Today, you are three-years-old.
In many ways, this has been the longest three years of my entire life. In more ways, this time has spun by so quickly that I’m not even sure I’ve finished the initial exhale of finding out I was pregnant with you. In truth, I don’t even remember who I was before you. I cannot be defined by you, my child, but I can honestly say that the boundaries of my being expanded so far beyond anything I could have thought with thoughts that by simply adding “Abe’s mom” to my definition doesn’t really do anything justice. I continue to feel honored you chose me.
I heard someone say today, “Choose love in every moment with every person.” While adults wander around trying to do just that (or maybe, more accurately for some, trying not to) you, my darling, don’t even notice your own ego. You just choose love all the time and with all people. No one has ever “rubbed you the wrong way” and you’ve never questioned anyone’s kindness towards you. For me, you are a constant reminder that the universe does want us to feel love all the time, both giving and receiving with a big, huge open heart. You’re a complete inspiration in that way.

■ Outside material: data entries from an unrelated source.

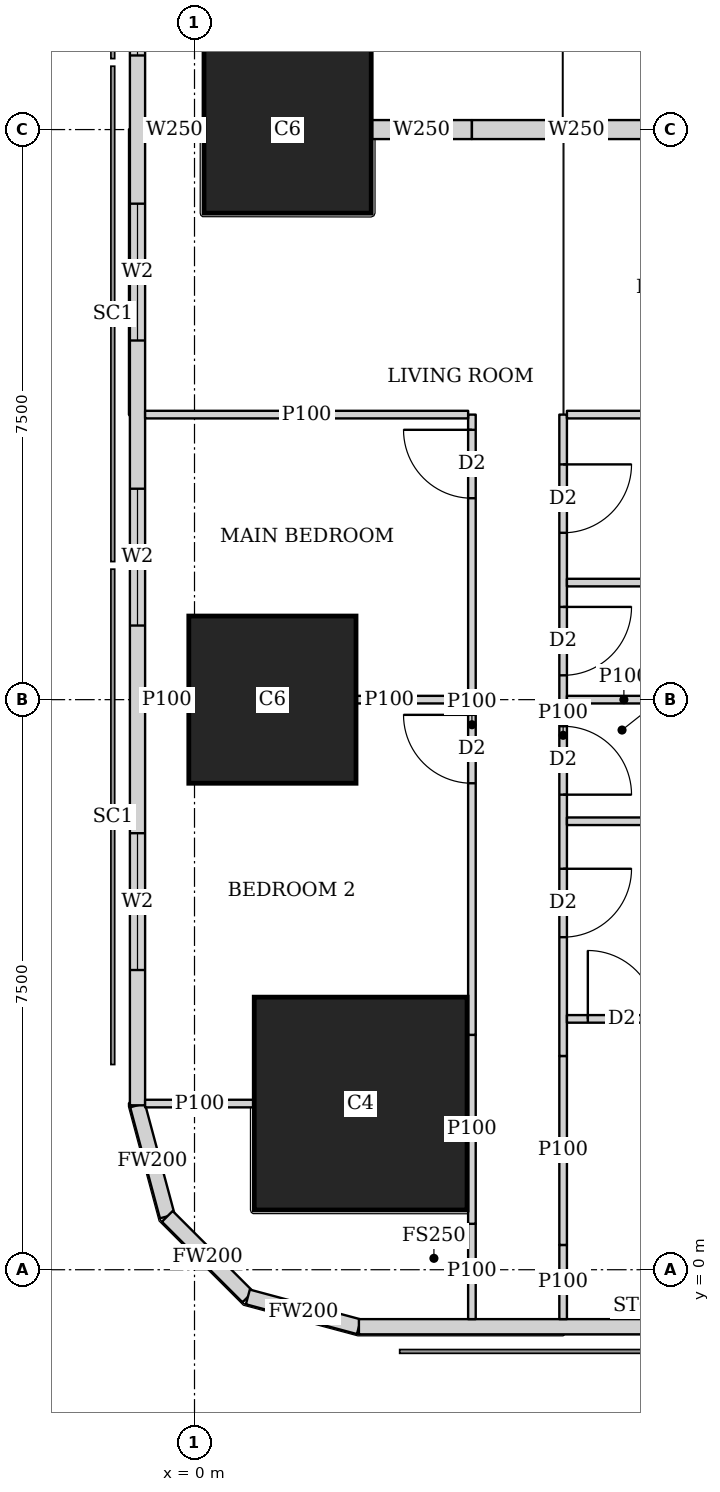
"""IFC4 building model, lengths in metres.
Left out: names, types, materials, properties, quantities, classifications, styles, units other than length and angle.
Written with IfcOpenShell. Run it as: python <this file> out.ifc"""

import sys

from ifc_helpers import new_model, si_unit, direction, frame, frame_2d, origin, origin_2d, place, context, subcontext, project, spatial, rectangle, extrude, element, fill, save


model = new_model("IFC4")
c1 = context("Model", 3, precision=1e-05, world=origin(), true_north=direction((0.0, 1.0)))
c2 = subcontext(c1, "Body", "Model", "MODEL_VIEW")
j1 = project(units=[si_unit("LENGTHUNIT", "METRE"), si_unit("PLANEANGLEUNIT", "RADIAN")], contexts=[c1])
p1 = place(None, origin())
s1 = spatial("IfcSite", under=j1, at=p1, CompositionType="ELEMENT")
p2 = place(p1, origin())
s2 = spatial("IfcBuilding", under=s1, at=p2, CompositionType="ELEMENT")
p3 = place(p2, frame((0.0, 0.0, 122.9)))
s3 = spatial("IfcBuildingStorey", under=s2, at=p3, CompositionType="ELEMENT", Elevation=122.9)
p4 = place(p3, frame((2.186, 2.186, 0.0), z_axis=(0.0, 0.0, 1.0), x_axis=(1.0, 0.0, 0.0)))
e1 = element("IfcColumn", 1, at=p4, inside=s3, PredefinedType="COLUMN", context=c2, shape_type="SweptSolid", body=[
    extrude(rectangle(XDim=2.8, YDim=2.8, at=origin_2d()), origin(), (0.0, 0.0, 1.0), 3.75),
])
for number, where, z_axis, x_axis in (
    (2, (1.025, 7.5, 0.0), (0.0, 0.0, 1.0), (1.0, 0.0, 0.0)),
    (3, (1.225, 15.0, 0.0), (0.0, 0.0, 1.0), (1.0, 0.0, 0.0)),
):
    element("IfcColumn", number, at=place(p3, frame(where, z_axis=z_axis, x_axis=x_axis)), inside=s3, PredefinedType="COLUMN", context=c2, shape_type="SweptSolid", body=[
        extrude(rectangle(XDim=2.2, YDim=2.2, at=origin_2d()), origin(), (0.0, 0.0, 1.0), 3.75),
    ])
p5 = place(p3, frame((2.163, -0.75, 0.0), z_axis=(0.0, 0.0, 1.0), x_axis=(1.0, 0.0, 0.0)))
e4 = element("IfcWall", 4, at=p5, inside=s3, PredefinedType="SOLIDWALL", context=c2, shape_type="SweptSolid", body=[
    extrude(rectangle(XDim=45.628, YDim=0.2, at=frame_2d((22.814, 0.0))), origin(), (0.0, 0.0, 1.0), 3.5),
])
p6 = place(p5, frame((9.537, 0.0, 0.9)))
e5 = element("IfcOpeningElement", 5, at=p6, cuts=e4, PredefinedType="OPENING", context=c2, shape_type="SweptSolid", body=[
    extrude(rectangle(XDim=1.8, YDim=1.5, at=frame_2d((0.9, 0.75))), frame((0.0, 0.11, 0.0), z_axis=(0.0, -1.0, 0.0), x_axis=(1.0, 0.0, 0.0)), (0.0, 0.0, 1.0), 0.22),
])
p7 = place(p5, frame((13.137, 0.0, 0.9)))
e6 = element("IfcOpeningElement", 6, at=p7, cuts=e4, PredefinedType="OPENING", context=c2, shape_type="SweptSolid", body=[
    extrude(rectangle(XDim=1.8, YDim=1.5, at=frame_2d((0.9, 0.75))), frame((0.0, 0.11, 0.0), z_axis=(0.0, -1.0, 0.0), x_axis=(1.0, 0.0, 0.0)), (0.0, 0.0, 1.0), 0.22),
])
p8 = place(p5, frame((16.737, 0.0, 0.9)))
e7 = element("IfcOpeningElement", 7, at=p8, cuts=e4, PredefinedType="OPENING", context=c2, shape_type="SweptSolid", body=[
    extrude(rectangle(XDim=1.8, YDim=1.5, at=frame_2d((0.9, 0.75))), frame((0.0, 0.11, 0.0), z_axis=(0.0, -1.0, 0.0), x_axis=(1.0, 0.0, 0.0)), (0.0, 0.0, 1.0), 0.22),
])
p9 = place(p5, frame((20.337, 0.0, 0.9)))
e8 = element("IfcOpeningElement", 8, at=p9, cuts=e4, PredefinedType="OPENING", context=c2, shape_type="SweptSolid", body=[
    extrude(rectangle(XDim=1.8, YDim=1.5, at=frame_2d((0.9, 0.75))), frame((0.0, 0.11, 0.0), z_axis=(0.0, -1.0, 0.0), x_axis=(1.0, 0.0, 0.0)), (0.0, 0.0, 1.0), 0.22),
])
p10 = place(p5, frame((23.937, 0.0, 0.9)))
e9 = element("IfcOpeningElement", 9, at=p10, cuts=e4, PredefinedType="OPENING", context=c2, shape_type="SweptSolid", body=[
    extrude(rectangle(XDim=1.8, YDim=1.5, at=frame_2d((0.9, 0.75))), frame((0.0, 0.11, 0.0), z_axis=(0.0, -1.0, 0.0), x_axis=(1.0, 0.0, 0.0)), (0.0, 0.0, 1.0), 0.22),
])
p11 = place(p5, frame((27.537, 0.0, 0.9)))
e10 = element("IfcOpeningElement", 10, at=p11, cuts=e4, PredefinedType="OPENING", context=c2, shape_type="SweptSolid", body=[
    extrude(rectangle(XDim=1.8, YDim=1.5, at=frame_2d((0.9, 0.75))), frame((0.0, 0.11, 0.0), z_axis=(0.0, -1.0, 0.0), x_axis=(1.0, 0.0, 0.0)), (0.0, 0.0, 1.0), 0.22),
])
p12 = place(p5, frame((31.137, 0.0, 0.9)))
e11 = element("IfcOpeningElement", 11, at=p12, cuts=e4, PredefinedType="OPENING", context=c2, shape_type="SweptSolid", body=[
    extrude(rectangle(XDim=1.8, YDim=1.5, at=frame_2d((0.9, 0.75))), frame((0.0, 0.11, 0.0), z_axis=(0.0, -1.0, 0.0), x_axis=(1.0, 0.0, 0.0)), (0.0, 0.0, 1.0), 0.22),
])
p13 = place(p5, frame((34.737, 0.0, 0.9)))
e12 = element("IfcOpeningElement", 12, at=p13, cuts=e4, PredefinedType="OPENING", context=c2, shape_type="SweptSolid", body=[
    extrude(rectangle(XDim=1.8, YDim=1.5, at=frame_2d((0.9, 0.75))), frame((0.0, 0.11, 0.0), z_axis=(0.0, -1.0, 0.0), x_axis=(1.0, 0.0, 0.0)), (0.0, 0.0, 1.0), 0.22),
])
p14 = place(p3, frame((-0.75, 42.837, 0.0), z_axis=(0.0, 0.0, 1.0), x_axis=(0.0, -1.0, 0.0)))
e13 = element("IfcWall", 13, at=p14, inside=s3, PredefinedType="SOLIDWALL", context=c2, shape_type="SweptSolid", body=[
    extrude(rectangle(XDim=40.674, YDim=0.2, at=frame_2d((20.337, 0.0))), origin(), (0.0, 0.0, 1.0), 3.5),
])
p15 = place(p14, frame((1.78, 0.0, 0.9)))
e14 = element("IfcOpeningElement", 14, at=p15, cuts=e13, PredefinedType="OPENING", context=c2, shape_type="SweptSolid", body=[
    extrude(rectangle(XDim=1.8, YDim=1.5, at=frame_2d((0.9, 0.75))), frame((0.0, 0.11, 0.0), z_axis=(0.0, -1.0, 0.0), x_axis=(1.0, 0.0, 0.0)), (0.0, 0.0, 1.0), 0.22),
])
p16 = place(p14, frame((6.312, 0.0, 0.9)))
e15 = element("IfcOpeningElement", 15, at=p16, cuts=e13, PredefinedType="OPENING", context=c2, shape_type="SweptSolid", body=[
    extrude(rectangle(XDim=1.8, YDim=1.5, at=frame_2d((0.9, 0.75))), frame((0.0, 0.11, 0.0), z_axis=(0.0, -1.0, 0.0), x_axis=(1.0, 0.0, 0.0)), (0.0, 0.0, 1.0), 0.22),
])
p17 = place(p14, frame((10.062, 0.0, 0.9)))
e16 = element("IfcOpeningElement", 16, at=p17, cuts=e13, PredefinedType="OPENING", context=c2, shape_type="SweptSolid", body=[
    extrude(rectangle(XDim=1.8, YDim=1.5, at=frame_2d((0.9, 0.75))), frame((0.0, 0.11, 0.0), z_axis=(0.0, -1.0, 0.0), x_axis=(1.0, 0.0, 0.0)), (0.0, 0.0, 1.0), 0.22),
])
p18 = place(p14, frame((13.812, 0.0, 0.9)))
e17 = element("IfcOpeningElement", 17, at=p18, cuts=e13, PredefinedType="OPENING", context=c2, shape_type="SweptSolid", body=[
    extrude(rectangle(XDim=1.8, YDim=1.5, at=frame_2d((0.9, 0.75))), frame((0.0, 0.11, 0.0), z_axis=(0.0, -1.0, 0.0), x_axis=(1.0, 0.0, 0.0)), (0.0, 0.0, 1.0), 0.22),
])
p19 = place(p14, frame((17.562, 0.0, 0.9)))
e18 = element("IfcOpeningElement", 18, at=p19, cuts=e13, PredefinedType="OPENING", context=c2, shape_type="SweptSolid", body=[
    extrude(rectangle(XDim=1.8, YDim=1.5, at=frame_2d((0.9, 0.75))), frame((0.0, 0.11, 0.0), z_axis=(0.0, -1.0, 0.0), x_axis=(1.0, 0.0, 0.0)), (0.0, 0.0, 1.0), 0.22),
])
p20 = place(p14, frame((21.312, 0.0, 0.9)))
e19 = element("IfcOpeningElement", 19, at=p20, cuts=e13, PredefinedType="OPENING", context=c2, shape_type="SweptSolid", body=[
    extrude(rectangle(XDim=1.8, YDim=1.5, at=frame_2d((0.9, 0.75))), frame((0.0, 0.11, 0.0), z_axis=(0.0, -1.0, 0.0), x_axis=(1.0, 0.0, 0.0)), (0.0, 0.0, 1.0), 0.22),
])
p21 = place(p14, frame((25.062, 0.0, 0.9)))
e20 = element("IfcOpeningElement", 20, at=p21, cuts=e13, PredefinedType="OPENING", context=c2, shape_type="SweptSolid", body=[
    extrude(rectangle(XDim=1.8, YDim=1.5, at=frame_2d((0.9, 0.75))), frame((0.0, 0.11, 0.0), z_axis=(0.0, -1.0, 0.0), x_axis=(1.0, 0.0, 0.0)), (0.0, 0.0, 1.0), 0.22),
])
p22 = place(p14, frame((28.812, 0.0, 0.9)))
e21 = element("IfcOpeningElement", 21, at=p22, cuts=e13, PredefinedType="OPENING", context=c2, shape_type="SweptSolid", body=[
    extrude(rectangle(XDim=1.8, YDim=1.5, at=frame_2d((0.9, 0.75))), frame((0.0, 0.11, 0.0), z_axis=(0.0, -1.0, 0.0), x_axis=(1.0, 0.0, 0.0)), (0.0, 0.0, 1.0), 0.22),
])
p23 = place(p14, frame((32.562, 0.0, 0.9)))
e22 = element("IfcOpeningElement", 22, at=p23, cuts=e13, PredefinedType="OPENING", context=c2, shape_type="SweptSolid", body=[
    extrude(rectangle(XDim=1.8, YDim=1.5, at=frame_2d((0.9, 0.75))), frame((0.0, 0.11, 0.0), z_axis=(0.0, -1.0, 0.0), x_axis=(1.0, 0.0, 0.0)), (0.0, 0.0, 1.0), 0.22),
])
p24 = place(p14, frame((37.094, 0.0, 0.9)))
e23 = element("IfcOpeningElement", 23, at=p24, cuts=e13, PredefinedType="OPENING", context=c2, shape_type="SweptSolid", body=[
    extrude(rectangle(XDim=1.8, YDim=1.5, at=frame_2d((0.9, 0.75))), frame((0.0, 0.11, 0.0), z_axis=(0.0, -1.0, 0.0), x_axis=(1.0, 0.0, 0.0)), (0.0, 0.0, 1.0), 0.22),
])
p25 = place(p3, frame((-0.75, 2.163, 0.0), z_axis=(0.0, 0.0, 1.0), x_axis=(0.259168954497, -0.965832000415, 0.0)))
e24 = element("IfcWall", 24, at=p25, inside=s3, PredefinedType="SOLIDWALL", context=c2, shape_type="SweptSolid", body=[
    extrude(rectangle(XDim=1.513, YDim=0.2, at=frame_2d((0.756, 0.0))), origin(), (0.0, 0.0, 1.0), 3.5),
])
p26 = place(p3, frame((-0.358, 0.702, 0.0), z_axis=(0.0, 0.0, 1.0), x_axis=(0.707106781187, -0.707106781187, 0.0)))
e25 = element("IfcWall", 25, at=p26, inside=s3, PredefinedType="SOLIDWALL", context=c2, shape_type="SweptSolid", body=[
    extrude(rectangle(XDim=1.499, YDim=0.2, at=frame_2d((0.75, 0.0))), origin(), (0.0, 0.0, 1.0), 3.5),
])
p27 = place(p3, frame((0.702, -0.358, 0.0), z_axis=(0.0, 0.0, 1.0), x_axis=(0.965832000415, -0.259168954497, 0.0)))
e26 = element("IfcWall", 26, at=p27, inside=s3, PredefinedType="SOLIDWALL", context=c2, shape_type="SweptSolid", body=[
    extrude(rectangle(XDim=1.513, YDim=0.2, at=frame_2d((0.756, 0.0))), origin(), (0.0, 0.0, 1.0), 3.5),
])
p28 = place(p3, frame((3.65, -0.65, 0.0), z_axis=(0.0, 0.0, 1.0), x_axis=(0.0, 1.0, 0.0)))
e27 = element("IfcWall", 27, at=p28, inside=s3, PredefinedType="PARTITIONING", context=c2, shape_type="SweptSolid", body=[
    extrude(rectangle(XDim=1.254, YDim=0.1, at=frame_2d((0.627, 0.0))), origin(), (0.0, 0.0, 1.0), 3.5),
])
p29 = place(p3, frame((3.65, 0.604, 0.0), z_axis=(0.0, 0.0, 1.0), x_axis=(0.0, 1.0, 0.0)))
e28 = element("IfcWall", 28, at=p29, inside=s3, PredefinedType="PARTITIONING", context=c2, shape_type="SweptSolid", body=[
    extrude(rectangle(XDim=2.486, YDim=0.1, at=frame_2d((1.243, 0.0))), origin(), (0.0, 0.0, 1.0), 2.05),
])
p30 = place(p3, frame((3.65, 3.09, 0.0), z_axis=(0.0, 0.0, 1.0), x_axis=(0.0, 1.0, 0.0)))
e29 = element("IfcWall", 29, at=p30, inside=s3, PredefinedType="PARTITIONING", context=c2, shape_type="SweptSolid", body=[
    extrude(rectangle(XDim=8.16, YDim=0.1, at=frame_2d((4.08, 0.0))), origin(), (0.0, 0.0, 1.0), 3.5),
])
p31 = place(p30, frame((7.06, 0.0, 0.0)))
e30 = element("IfcOpeningElement", 30, at=p31, cuts=e29, PredefinedType="OPENING", context=c2, shape_type="SweptSolid", body=[
    extrude(rectangle(XDim=0.9, YDim=2.1, at=frame_2d((0.45, 1.05))), frame((0.0, 0.06, 0.0), z_axis=(0.0, -1.0, 0.0), x_axis=(1.0, 0.0, 0.0)), (0.0, 0.0, 1.0), 0.12),
])
p32 = place(p30, frame((3.31, 0.0, 0.0)))
e31 = element("IfcOpeningElement", 31, at=p32, cuts=e29, PredefinedType="OPENING", context=c2, shape_type="SweptSolid", body=[
    extrude(rectangle(XDim=0.9, YDim=2.1, at=frame_2d((0.45, 1.05))), frame((0.0, 0.06, 0.0), z_axis=(0.0, -1.0, 0.0), x_axis=(1.0, 0.0, 0.0)), (0.0, 0.0, 1.0), 0.12),
])
p33 = place(p3, frame((4.85, -0.65, 0.0), z_axis=(0.0, 0.0, 1.0), x_axis=(0.0, 1.0, 0.0)))
e32 = element("IfcWall", 32, at=p33, inside=s3, PredefinedType="PARTITIONING", context=c2, shape_type="SweptSolid", body=[
    extrude(rectangle(XDim=0.976, YDim=0.1, at=frame_2d((0.488, 0.0))), origin(), (0.0, 0.0, 1.0), 3.5),
])
p34 = place(p3, frame((4.85, 0.326, 0.0), z_axis=(0.0, 0.0, 1.0), x_axis=(0.0, 1.0, 0.0)))
e33 = element("IfcWall", 33, at=p34, inside=s3, PredefinedType="PARTITIONING", context=c2, shape_type="SweptSolid", body=[
    extrude(rectangle(XDim=2.486, YDim=0.1, at=frame_2d((1.243, 0.0))), origin(), (0.0, 0.0, 1.0), 2.05),
])
p35 = place(p3, frame((4.85, 2.812, 0.0), z_axis=(0.0, 0.0, 1.0), x_axis=(0.0, 1.0, 0.0)))
e34 = element("IfcWall", 34, at=p35, inside=s3, PredefinedType="PARTITIONING", context=c2, shape_type="SweptSolid", body=[
    extrude(rectangle(XDim=8.438, YDim=0.1, at=frame_2d((4.219, 0.0))), origin(), (0.0, 0.0, 1.0), 3.5),
])
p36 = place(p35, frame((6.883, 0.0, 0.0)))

You’ve taught me in three years that all messes can be cleaned up (and done so with laughter), crying is an essential part of human nature we should all try once in a while, and to relax because no one cares what I look like when I’m in the picture with you anyways. You’ve taught me bright, shining eyes are the fastest way to show someone you’re listening. And, most ultimately, you’ve taught me none of us is meant to do this life alone.
You, my little one, are a ham. Your little ideas are just starting to spring forth from your words, new ones everyday. You are empathic and you are playful with everyone. You say what you need, and you say please and thank you. You check on me everyday to make sure I’m doing ok. You still love cars and trucks and trains. You also love building towers and castles with blocks, giving the dogs treats, and flipping through the pages of books we’ve read a hundred times, only now you “read” them to yourself. You tell me when you need to “take a break”, which is more than most grown-ups do. And lord if you aren’t better on an iPad than I am.
There are few things in the world you won’t eat. Please never stop eating that way.
You love animals. Whether it’s our big dogs or a trip to the zoo, you could watch and play with animals for hours. And you’re gentle with animals! Loving, as if you know that they need you to be careful with them and safe. I just love that about you.
And of course, Abe, you are 3, so you shout and yell and sometimes hit when you’re tired. You tug on my clothes and cry to the heavens when it’s time to go to bed. You say things like, “Mommy, I need my privacies,” and you get quiet and whisper, “Do you hear a dump trunk?” everytime any truck drives by the house. Everyday you ask me, “What are-doin’, Mom?” and, “Can we go to the park?”
In three more years you will be six. If those years pass as quickly as these three have, I won’t know what to do with myself. I told everyone you would never be old enough to sleep through the night, to smile, to walk, to talk, to answer questions…It felt like you would be dependent on me for everything forever. And here you are, barely asking me for anything anymore.
I love you forever more than the moon and the sky. You are my light.